一気に跳びその途中にだ。左の刀を一閃させた。
それで魔物を両断しそのうえで焼く。これで決まりだった。
そうしてからだ。着地した彼が見たものは。
今まさに焼かれんとする魔物だった。魔物は立ったまま両断されてそのうえで。
漆黒の身体を焼かれ消えていっていた。そこまで見てだ。
中田は満足した顔になりだ。声に言った。
「これで決まりだな」
「はい、ミノタウロスは滅びました」
「一時はどうなるかって思ったけれどな」
「炎を走らせそしてですね」
「ああ、一気に真っ二つにして焼いてやった」
そうしたと。己の闘いを振り返り話す。
「これならな」
「どの様な体力はある魔物でもですね」
「ああ、倒せる」
それができるというのだ。
「そう思ってな」
「考えられましたね」
「焦ってなかったからな」
それでだ。考えられたというのだ。
「できたんだよ」
「決して焦らないですか」
「だから。焦ったら負けなんだよ」
中田は燃え盛る魔物を見ながらまた言う。
「何でもな」
「焦らない。
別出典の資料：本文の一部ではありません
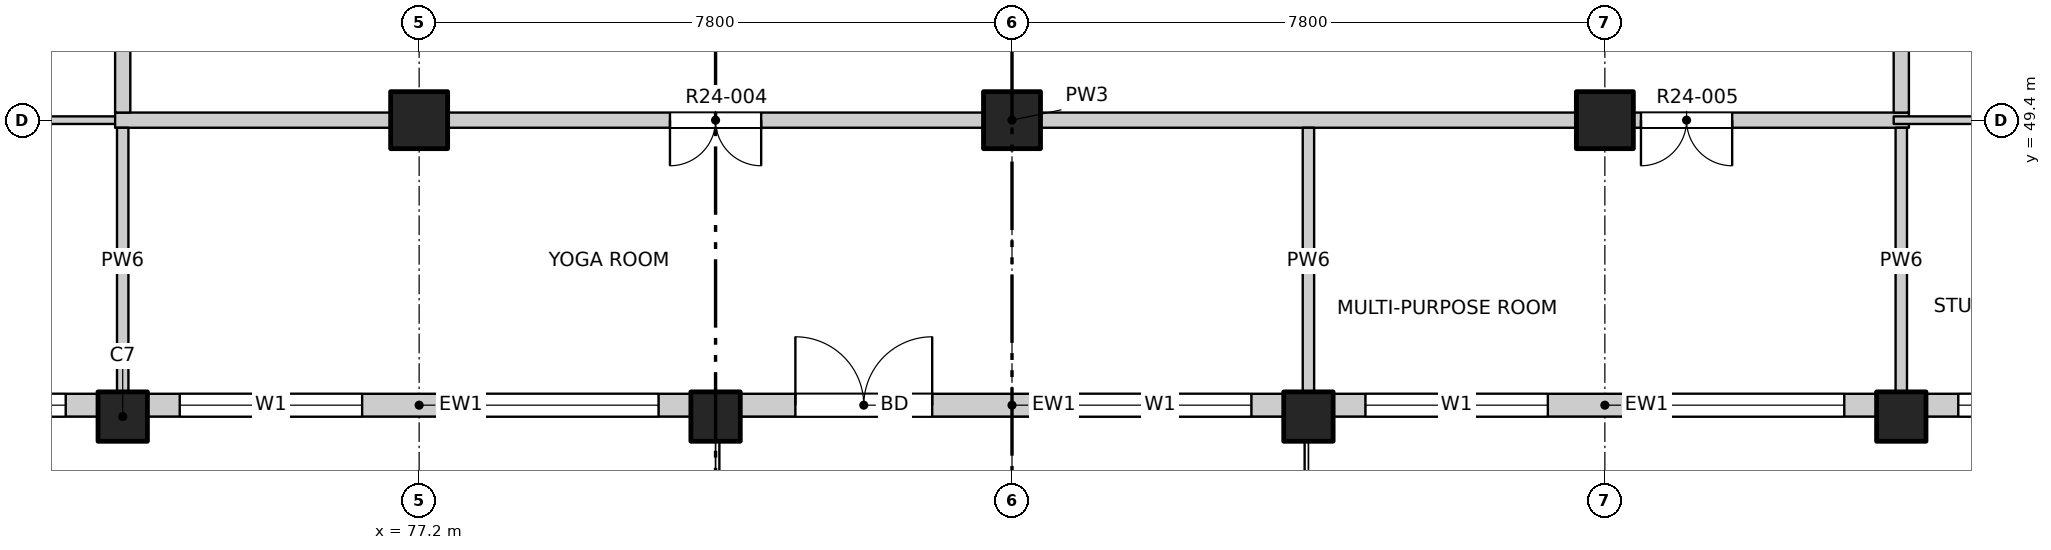
"""IFC4 building model, lengths in metres.
Left out: names, types, materials, properties, quantities, classifications, styles, units other than length and angle.
Written with IfcOpenShell. Run it as: python <this file> out.ifc"""

import sys

from ifc_helpers import new_model, si_unit, direction, frame, frame_2d, origin, origin_2d, place, context, subcontext, project, spatial, rectangle, extrude, element, fill, save


model = new_model("IFC4")
c1 = context("Model", 3, precision=1e-05, world=origin(), true_north=direction((0.0, 1.0)))
c2 = subcontext(c1, "Body", "Model", "MODEL_VIEW")
j1 = project(units=[si_unit("LENGTHUNIT", "METRE"), si_unit("PLANEANGLEUNIT", "RADIAN")], contexts=[c1])
p1 = place(None, origin())
s1 = spatial("IfcSite", under=j1, at=p1, CompositionType="ELEMENT")
p2 = place(p1, origin())
s2 = spatial("IfcBuilding", under=s1, at=p2, CompositionType="ELEMENT")
p3 = place(p2, frame((0.0, 0.0, 249.4)))
s3 = spatial("IfcBuildingStorey", under=s2, at=p3, CompositionType="ELEMENT", Elevation=249.4)
for number, where, z_axis, x_axis in (
    (1, (73.3, 45.5, -0.25), (0.0, 0.0, 1.0), (1.0, 0.0, 0.0)),
    (2, (81.1, 45.5, -0.25), (0.0, 0.0, 1.0), (1.0, 0.0, 0.0)),
    (3, (88.9, 45.5, -0.25), (0.0, 0.0, 1.0), (1.0, 0.0, 0.0)),
    (4, (96.7, 45.5, -0.25), (0.0, 0.0, 1.0), (1.0, 0.0, 0.0)),
):
    element("IfcColumn", number, at=place(p3, frame(where, z_axis=z_axis, x_axis=x_axis)), inside=s3, PredefinedType="COLUMN", context=c2, shape_type="SweptSolid", body=[
        extrude(rectangle(XDim=0.65, YDim=0.65, at=origin_2d()), origin(), (0.0, 0.0, 1.0), 3.4),
    ])
for number, where, z_axis, x_axis in (
    (5, (77.2, 49.4, -0.25), (0.0, 0.0, 1.0), (1.0, 0.0, 0.0)),
    (6, (85.0, 49.4, -0.25), (0.0, 0.0, 1.0), (1.0, 0.0, 0.0)),
    (7, (92.8, 49.4, -0.25), (0.0, 0.0, 1.0), (1.0, 0.0, 0.0)),
):
    element("IfcColumn", number, at=place(p3, frame(where, z_axis=z_axis, x_axis=x_axis)), inside=s3, PredefinedType="COLUMN", context=c2, shape_type="SweptSolid", body=[
        extrude(rectangle(XDim=0.75, YDim=0.75, at=origin_2d()), origin(), (0.0, 0.0, 1.0), 3.4),
    ])
p4 = place(p3, frame((69.4, 45.65, 0.0), z_axis=(0.0, 0.0, 1.0), x_axis=(1.0, 0.0, 0.0)))
e8 = element("IfcWall", 8, at=p4, inside=s3, PredefinedType="SOLIDWALL", context=c2, shape_type="SweptSolid", body=[
    extrude(rectangle(XDim=3.575, YDim=0.3, at=frame_2d((1.788, 0.0))), origin(), (0.0, 0.0, 1.0), 2.7),
])
p5 = place(p4, frame((0.75, 0.0, 0.9)))
e9 = element("IfcOpeningElement", 9, at=p5, cuts=e8, PredefinedType="OPENING", context=c2, shape_type="SweptSolid", body=[
    extrude(rectangle(XDim=2.4, YDim=1.8, at=frame_2d((1.2, 0.9))), frame((0.0, 0.16, 0.0), z_axis=(0.0, -1.0, 0.0), x_axis=(1.0, 0.0, 0.0)), (0.0, 0.0, 1.0), 0.32),
])
p6 = place(p3, frame((73.625, 45.65, 0.0), z_axis=(0.0, 0.0, 1.0), x_axis=(1.0, 0.0, 0.0)))
e10 = element("IfcWall", 10, at=p6, inside=s3, PredefinedType="SOLIDWALL", context=c2, shape_type="SweptSolid", body=[
    extrude(rectangle(XDim=7.15, YDim=0.3, at=frame_2d((3.575, 0.0))), origin(), (0.0, 0.0, 1.0), 2.7),
])
p7 = place(p6, frame((0.425, 0.0, 0.9)))
e11 = element("IfcOpeningElement", 11, at=p7, cuts=e10, PredefinedType="OPENING", context=c2, shape_type="SweptSolid", body=[
    extrude(rectangle(XDim=2.4, YDim=1.8, at=frame_2d((1.2, 0.9))), frame((0.0, 0.16, 0.0), z_axis=(0.0, -1.0, 0.0), x_axis=(1.0, 0.0, 0.0)), (0.0, 0.0, 1.0), 0.32),
])
p8 = place(p6, frame((4.325, 0.0, 0.9)))
e12 = element("IfcOpeningElement", 12, at=p8, cuts=e10, PredefinedType="OPENING", context=c2, shape_type="SweptSolid", body=[
    extrude(rectangle(XDim=2.4, YDim=1.8, at=frame_2d((1.2, 0.9))), frame((0.0, 0.16, 0.0), z_axis=(0.0, -1.0, 0.0), x_axis=(1.0, 0.0, 0.0)), (0.0, 0.0, 1.0), 0.32),
])
p9 = place(p3, frame((81.425, 45.65, 0.0), z_axis=(0.0, 0.0, 1.0), x_axis=(1.0, 0.0, 0.0)))
e13 = element("IfcWall", 13, at=p9, inside=s3, PredefinedType="SOLIDWALL", context=c2, shape_type="SweptSolid", body=[
    extrude(rectangle(XDim=7.15, YDim=0.3, at=frame_2d((3.575, 0.0))), origin(), (0.0, 0.0, 1.0), 2.7),
])
p10 = place(p9, frame((0.725, 0.0, 0.0)))
e14 = element("IfcOpeningElement", 14, at=p10, cuts=e13, PredefinedType="OPENING", context=c2, shape_type="SweptSolid", body=[
    extrude(rectangle(XDim=1.8, YDim=2.4, at=frame_2d((0.9, 1.2))), frame((0.0, 0.16, 0.0), z_axis=(0.0, -1.0, 0.0), x_axis=(1.0, 0.0, 0.0)), (0.0, 0.0, 1.0), 0.32),
])
p11 = place(p9, frame((4.325, 0.0, 0.9)))
e15 = element("IfcOpeningElement", 15, at=p11, cuts=e13, PredefinedType="OPENING", context=c2, shape_type="SweptSolid", body=[
    extrude(rectangle(XDim=2.4, YDim=1.8, at=frame_2d((1.2, 0.9))), frame((0.0, 0.16, 0.0), z_axis=(0.0, -1.0, 0.0), x_axis=(1.0, 0.0, 0.0)), (0.0, 0.0, 1.0), 0.32),
])
p12 = place(p3, frame((89.225, 45.65, 0.0), z_axis=(0.0, 0.0, 1.0), x_axis=(1.0, 0.0, 0.0)))
e16 = element("IfcWall", 16, at=p12, inside=s3, PredefinedType="SOLIDWALL", context=c2, shape_type="SweptSolid", body=[
    extrude(rectangle(XDim=7.15, YDim=0.3, at=frame_2d((3.575, 0.0))), origin(), (0.0, 0.0, 1.0), 2.7),
])
p13 = place(p12, frame((0.425, 0.0, 0.9)))
e17 = element("IfcOpeningElement", 17, at=p13, cuts=e16, PredefinedType="OPENING", context=c2, shape_type="SweptSolid", body=[
    extrude(rectangle(XDim=2.4, YDim=1.8, at=frame_2d((1.2, 0.9))), frame((0.0, 0.16, 0.0), z_axis=(0.0, -1.0, 0.0), x_axis=(1.0, 0.0, 0.0)), (0.0, 0.0, 1.0), 0.32),
])
p14 = place(p12, frame((4.325, 0.0, 0.9)))
e18 = element("IfcOpeningElement", 18, at=p14, cuts=e16, PredefinedType="OPENING", context=c2, shape_type="SweptSolid", body=[
    extrude(rectangle(XDim=2.4, YDim=1.8, at=frame_2d((1.2, 0.9))), frame((0.0, 0.16, 0.0), z_axis=(0.0, -1.0, 0.0), x_axis=(1.0, 0.0, 0.0)), (0.0, 0.0, 1.0), 0.32),
])
p15 = place(p3, frame((97.025, 45.65, 0.0), z_axis=(0.0, 0.0, 1.0), x_axis=(1.0, 0.0, 0.0)))
e19 = element("IfcWall", 19, at=p15, inside=s3, PredefinedType="SOLIDWALL", context=c2, shape_type="SweptSolid", body=[
    extrude(rectangle(XDim=3.575, YDim=0.3, at=frame_2d((1.788, 0.0))), origin(), (0.0, 0.0, 1.0), 2.7),
])
p16 = place(p15, frame((0.425, 0.0, 0.9)))
e20 = element("IfcOpeningElement", 20, at=p16, cuts=e19, PredefinedType="OPENING", context=c2, shape_type="SweptSolid", body=[
    extrude(rectangle(XDim=2.4, YDim=1.8, at=frame_2d((1.2, 0.9))), frame((0.0, 0.16, 0.0), z_axis=(0.0, -1.0, 0.0), x_axis=(1.0, 0.0, 0.0)), (0.0, 0.0, 1.0), 0.32),
])
p17 = place(p3, frame((65.8, 49.4, 0.0), z_axis=(0.0, 0.0, 1.0), x_axis=(1.0, 0.0, 0.0)))
e21 = element("IfcWall", 21, at=p17, inside=s3, PredefinedType="PARTITIONING", context=c2, shape_type="SweptSolid", body=[
    extrude(rectangle(XDim=7.6, YDim=0.1, at=frame_2d((3.8, 0.0))), origin(), (0.0, 0.0, 1.0), 3.15),
])
p18 = place(p17, frame((4.09, 0.0, 0.0)))
e22 = element("IfcOpeningElement", 22, at=p18, cuts=e21, PredefinedType="OPENING", context=c2, shape_type="SweptSolid", body=[
    extrude(rectangle(XDim=0.9, YDim=2.1, at=frame_2d((0.45, 1.05))), frame((0.0, 0.06, 0.0), z_axis=(0.0, -1.0, 0.0), x_axis=(1.0, 0.0, 0.0)), (0.0, 0.0, 1.0), 0.12),
])
p19 = place(p3, frame((73.2, 49.4, 0.0), z_axis=(0.0, 0.0, 1.0), x_axis=(1.0, 0.0, 0.0)))
e23 = element("IfcWall", 23, at=p19, inside=s3, PredefinedType="PARTITIONING", context=c2, shape_type="SweptSolid", body=[
    extrude(rectangle(XDim=23.6, YDim=0.2, at=frame_2d((11.8, 0.0))), origin(), (0.0, 0.0, 1.0), 3.15),
])
p20 = place(p19, frame((7.3, 0.0, 0.0)))
e24 = element("IfcOpeningElement", 24, at=p20, cuts=e23, PredefinedType="OPENING", context=c2, shape_type="SweptSolid", body=[
    extrude(rectangle(XDim=1.2, YDim=2.1, at=frame_2d((0.6, 1.05))), frame((0.0, 0.11, 0.0), z_axis=(0.0, -1.0, 0.0), x_axis=(1.0, 0.0, 0.0)), (0.0, 0.0, 1.0), 0.22),
])
p21 = place(p19, frame((20.075, 0.0, 0.0)))
e25 = element("IfcOpeningElement", 25, at=p21, cuts=e23, PredefinedType="OPENING", context=c2, shape_type="SweptSolid", body=[
    extrude(rectangle(XDim=1.2, YDim=2.1, at=frame_2d((0.6, 1.05))), frame((0.0, 0.11, 0.0), z_axis=(0.0, -1.0, 0.0), x_axis=(1.0, 0.0, 0.0)), (0.0, 0.0, 1.0), 0.22),
])
p22 = place(p3, frame((96.6, 49.4, 0.0), z_axis=(0.0, 0.0, 1.0), x_axis=(1.0, 0.0, 0.0)))
e26 = element("IfcWall", 26, at=p22, inside=s3, PredefinedType="PARTITIONING", context=c2, shape_type="SweptSolid", body=[
    extrude(rectangle(XDim=7.6, YDim=0.1, at=frame_2d((3.8, 0.0))), origin(), (0.0, 0.0, 1.0), 3.15),
])
p23 = place(p22, frame((2.61, 0.0, 0.0)))
e27 = element("IfcOpeningElement", 27, at=p23, cuts=e26, PredefinedType="OPENING", context=c2, shape_type="SweptSolid", body=[
    extrude(rectangle(XDim=0.9, YDim=2.1, at=frame_2d((0.45, 1.05))), frame((0.0, 0.06, 0.0), z_axis=(0.0, -1.0, 0.0), x_axis=(1.0, 0.0, 0.0)), (0.0, 0.0, 1.0), 0.12),
])
p24 = place(p3, frame((73.3, 45.8, 0.0), z_axis=(0.0, 0.0, 1.0), x_axis=(0.0, 1.0, 0.0)))
e28 = element("IfcWall", 28, at=p24, inside=s3, PredefinedType="PARTITIONING", context=c2, shape_type="SweptSolid", body=[
    extrude(rectangle(XDim=3.5, YDim=0.15, at=frame_2d((1.75, 0.0))), origin(), (0.0, 0.0, 1.0), 3.15),
])
p25 = place(p3, frame((73.3, 49.5, 0.0), z_axis=(0.0, 0.0, 1.0), x_axis=(0.0, 1.0, 0.0)))
e29 = element("IfcWall", 29, at=p25, inside=s3, PredefinedType="PARTITIONING", context=c2, shape_type="SweptSolid", body=[
    extrude(rectangle(XDim=34.7, YDim=0.2, at=frame_2d((17.35, 0.0))), origin(), (0.0, 0.0, 1.0), 3.15),
])
p26 = place(p25, frame((3.325, 0.0, 0.0)))
e30 = element("IfcOpeningElement", 30, at=p26, cuts=e29, PredefinedType="OPENING", context=c2, shape_type="SweptSolid", body=[
    extrude(rectangle(XDim=1.0, YDim=2.1, at=frame_2d((0.5, 1.05))), frame((0.0, 0.11, 0.0), z_axis=(0.0, -1.0, 0.0), x_axis=(1.0, 0.0, 0.0)), (0.0, 0.0, 1.0), 0.22),
])
p27 = place(p25, frame((17.875, 0.0, 0.0)))
e31 = element("IfcOpeningElement", 31, at=p27, cuts=e29, PredefinedType="OPENING", context=c2, shape_type="SweptSolid", body=[
    extrude(rectangle(XDim=1.0, YDim=2.1, at=frame_2d((0.5, 1.05))), frame((0.0, 0.11, 0.0), z_axis=(0.0, -1.0, 0.0), x_axis=(1.0, 0.0, 0.0)), (0.0, 0.0, 1.0), 0.22),
])
p28 = place(p25, frame((25.775, 0.0, 0.0)))
e32 = element("IfcOpeningElement", 32, at=p28, cuts=e29, PredefinedType="OPENING", context=c2, shape_type="SweptSolid", body=[
    extrude(rectangle(XDim=1.0, YDim=2.1, at=frame_2d((0.5, 1.05))), frame((0.0, 0.11, 0.0), z_axis=(0.0, -1.0, 0.0), x_axis=(1.0, 0.0, 0.0)), (0.0, 0.0, 1.0), 0.22),
])
p29 = place(p3, frame((88.9, 45.8, 0.0), z_axis=(0.0, 0.0, 1.0), x_axis=(0.0, 1.0, 0.0)))
e33 = element("IfcWall", 33, at=p29, inside=s3, PredefinedType="PARTITIONING", context=c2, shape_type="SweptSolid", body=[
    extrude(rectangle(XDim=3.5, YDim=0.15, at=frame_2d((1.75, 0.0))), origin(), (0.0, 0.0, 1.0), 2.55),
])
p30 = place(p3, frame((96.7, 45.8, 0.0), z_axis=(0.0, 0.0, 1.0), x_axis=(0.0, 1.0, 0.0)))
e34 = element("IfcWall", 34, at=p30, inside=s3, PredefinedType="PARTITIONING", context=c2, shape_type="SweptSolid", body=[
    extrude(rectangle(XDim=3.5, YDim=0.15, at=frame_2d((1.75, 0.0))), origin(), (0.0, 0.0, 1.0), 3.15),
])
p31 = place(p3, frame((96.7, 49.5, 0.0), z_axis=(0.0, 0.0, 1.0), x_axis=(0.0, 1.0, 0.0)))
e35 = element("IfcWall", 35, at=p31, inside=s3, PredefinedType="PARTITIONING", context=c2, shape_type="SweptSolid", body=[
    extrude(rectangle(XDim=34.7, YDim=0.2, at=frame_2d((17.35, 0.0))), origin(), (0.0, 0.0, 1.0), 3.15),
])
p32 = place(p31, frame((3.075, 0.0, 0.0)))
e36 = element("IfcOpeningElement", 36, at=p32, cuts=e35, PredefinedType="OPENING", context=c2, shape_type="SweptSolid", body=[
    extrude(rectangle(XDim=1.0, YDim=2.1, at=frame_2d((0.5, 1.05))), frame((0.0, 0.11, 0.0), z_axis=(0.0, -1.0, 0.0), x_axis=(1.0, 0.0, 0.0)), (0.0, 0.0, 1.0), 0.22),
])
p33 = place(p31, frame((18.425, 0.0, 0.0)))
e37 = element("IfcOpeningElement", 37, at=p33, cuts=e35, PredefinedType="OPENING", context=c2, shape_type="SweptSolid", body=[
    extrude(rectangle(XDim=1.0, YDim=2.1, at=frame_2d((0.5, 1.05))), frame((0.0, 0.11, 0.0), z_axis=(0.0, -1.0, 0.0), x_axis=(1.0, 0.0, 0.0)), (0.0, 0.0, 1.0), 0.22),
])
p34 = place(p31, frame((25.825, 0.0, 0.0)))
e38 = element("IfcOpeningElement", 38, at=p34, cuts=e35, PredefinedType="OPENING", context=c2, shape_type="SweptSolid", body=[
    extrude(rectangle(XDim=1.0, YDim=2.1, at=frame_2d((0.5, 1.05))), frame((0.0, 0.11, 0.0), z_axis=(0.0, -1.0, 0.0), x_axis=(1.0, 0.0, 0.0)), (0.0, 0.0, 1.0), 0.22),
])
p35 = place(p5, origin())
e39 = element("IfcWindow", 39, at=p35, inside=s3, PartitioningType="DOUBLE_PANEL_VERTICAL", PredefinedType="WINDOW", context=c2, shape_type="SweptSolid", body=[
    extrude(rectangle(XDim=2.4, YDim=1.8, at=frame_2d((1.2, 0.9))), frame((0.0, 0.03, 0.0), z_axis=(0.0, -1.0, 0.0), x_axis=(1.0, 0.0, 0.0)), (0.0, 0.0, 1.0), 0.06),
])
fill(e9, e39)
p36 = place(p7, origin())
e40 = element("IfcWindow", 40, at=p36, inside=s3, PartitioningType="DOUBLE_PANEL_VERTICAL", PredefinedType="WINDOW", context=c2, shape_type="SweptSolid", body=[
    extrude(rectangle(XDim=2.4, YDim=1.8, at=frame_2d((1.2, 0.9))), frame((0.0, 0.03, 0.0), z_axis=(0.0, -1.0, 0.0), x_axis=(1.0, 0.0, 0.0)), (0.0, 0.0, 1.0), 0.06),
])
fill(e11, e40)
p37 = place(p8, origin())
e41 = element("IfcWindow", 41, at=p37, inside=s3, PartitioningType="DOUBLE_PANEL_VERTICAL", PredefinedType="WINDOW", context=c2, shape_type="SweptSolid", body=[
    extrude(rectangle(XDim=2.4, YDim=1.8, at=frame_2d((1.2, 0.9))), frame((0.0, 0.03, 0.0), z_axis=(0.0, -1.0, 0.0), x_axis=(1.0, 0.0, 0.0)), (0.0, 0.0, 1.0), 0.06),
])
fill(e12, e41)
p38 = place(p10, origin())
e42 = element("IfcDoor", 42, at=p38, inside=s3, OperationType="DOUBLE_DOOR_SINGLE_SWING", PredefinedType="DOOR", context=c2, shape_type="SweptSolid", body=[
    extrude(rectangle(XDim=1.8, YDim=2.4, at=frame_2d((0.9, 1.2))), frame((0.0, 0.025, 0.0), z_axis=(0.0, -1.0, 0.0), x_axis=(1.0, 0.0, 0.0)), (0.0, 0.0, 1.0), 0.05),
])
fill(e14, e42)
p39 = place(p11, origin())
e43 = element("IfcWindow", 43, at=p39, inside=s3, PartitioningType="DOUBLE_PANEL_VERTICAL", PredefinedType="WINDOW", context=c2, shape_type="SweptSolid", body=[
    extrude(rectangle(XDim=2.4, YDim=1.8, at=frame_2d((1.2, 0.9))), frame((0.0, 0.03, 0.0), z_axis=(0.0, -1.0, 0.0), x_axis=(1.0, 0.0, 0.0)), (0.0, 0.0, 1.0), 0.06),
])
fill(e15, e43)
p40 = place(p13, origin())
e44 = element("IfcWindow", 44, at=p40, inside=s3, PartitioningType="DOUBLE_PANEL_VERTICAL", PredefinedType="WINDOW", context=c2, shape_type="SweptSolid", body=[
    extrude(rectangle(XDim=2.4, YDim=1.8, at=frame_2d((1.2, 0.9))), frame((0.0, 0.03, 0.0), z_axis=(0.0, -1.0, 0.0), x_axis=(1.0, 0.0, 0.0)), (0.0, 0.0, 1.0), 0.06),
])
fill(e17, e44)
p41 = place(p14, origin())
e45 = element("IfcWindow", 45, at=p41, inside=s3, PartitioningType="DOUBLE_PANEL_VERTICAL", PredefinedType="WINDOW", context=c2, shape_type="SweptSolid", body=[
    extrude(rectangle(XDim=2.4, YDim=1.8, at=frame_2d((1.2, 0.9))), frame((0.0, 0.03, 0.0), z_axis=(0.0, -1.0, 0.0), x_axis=(1.0, 0.0, 0.0)), (0.0, 0.0, 1.0), 0.06),
])
fill(e18, e45)
p42 = place(p16, origin())
e46 = element("IfcWindow", 46, at=p42, inside=s3, PartitioningType="DOUBLE_PANEL_VERTICAL", PredefinedType="WINDOW", context=c2, shape_type="SweptSolid", body=[
    extrude(rectangle(XDim=2.4, YDim=1.8, at=frame_2d((1.2, 0.9))), frame((0.0, 0.03, 0.0), z_axis=(0.0, -1.0, 0.0), x_axis=(1.0, 0.0, 0.0)), (0.0, 0.0, 1.0), 0.06),
])
fill(e20, e46)
p43 = place(p20, origin())
e47 = element("IfcDoor", 47, at=p43, inside=s3, OperationType="DOUBLE_DOOR_SINGLE_SWING", PredefinedType="DOOR", context=c2, shape_type="SweptSolid", body=[
    extrude(rectangle(XDim=1.2, YDim=2.1, at=frame_2d((0.6, 1.05))), frame((0.0, 0.025, 0.0), z_axis=(0.0, -1.0, 0.0), x_axis=(1.0, 0.0, 0.0)), (0.0, 0.0, 1.0), 0.05),
])
fill(e24, e47)
p44 = place(p21, origin())
e48 = element("IfcDoor", 48, at=p44, inside=s3, OperationType="DOUBLE_DOOR_SINGLE_SWING", PredefinedType="DOOR", context=c2, shape_type="SweptSolid", body=[
    extrude(rectangle(XDim=1.2, YDim=2.1, at=frame_2d((0.6, 1.05))), frame((0.0, 0.025, 0.0), z_axis=(0.0, -1.0, 0.0), x_axis=(1.0, 0.0, 0.0)), (0.0, 0.0, 1.0), 0.05),
])
fill(e25, e48)
save(model, sys.argv[1])

だから貴方は強いんですね」
「少なくとも強さの元の一つだな」
「そうですね」
「ああ、それで今度の金は」
「はい、もうすぐ出ます」
見れば魔物は今まさに焼き尽くされんとしていた。その後でだというのだ。
そしてその言葉通りだ。それが出て来た。
黄金の棒が数本だ。魔物が消えてから出て来た。それを手に取りだ。
中田は満足した顔になりだ。刀を消してから声に話した。
「報酬だな」
「そしてそのお金で」
「ああ、家族がまた助かる」
こう言うのだった。
「いいことだよ」
「それでなのですが」
「剣士だよな」
「はい、剣士を倒せばです」
彼と同じ立場のだ。その剣士を倒せばというのだ。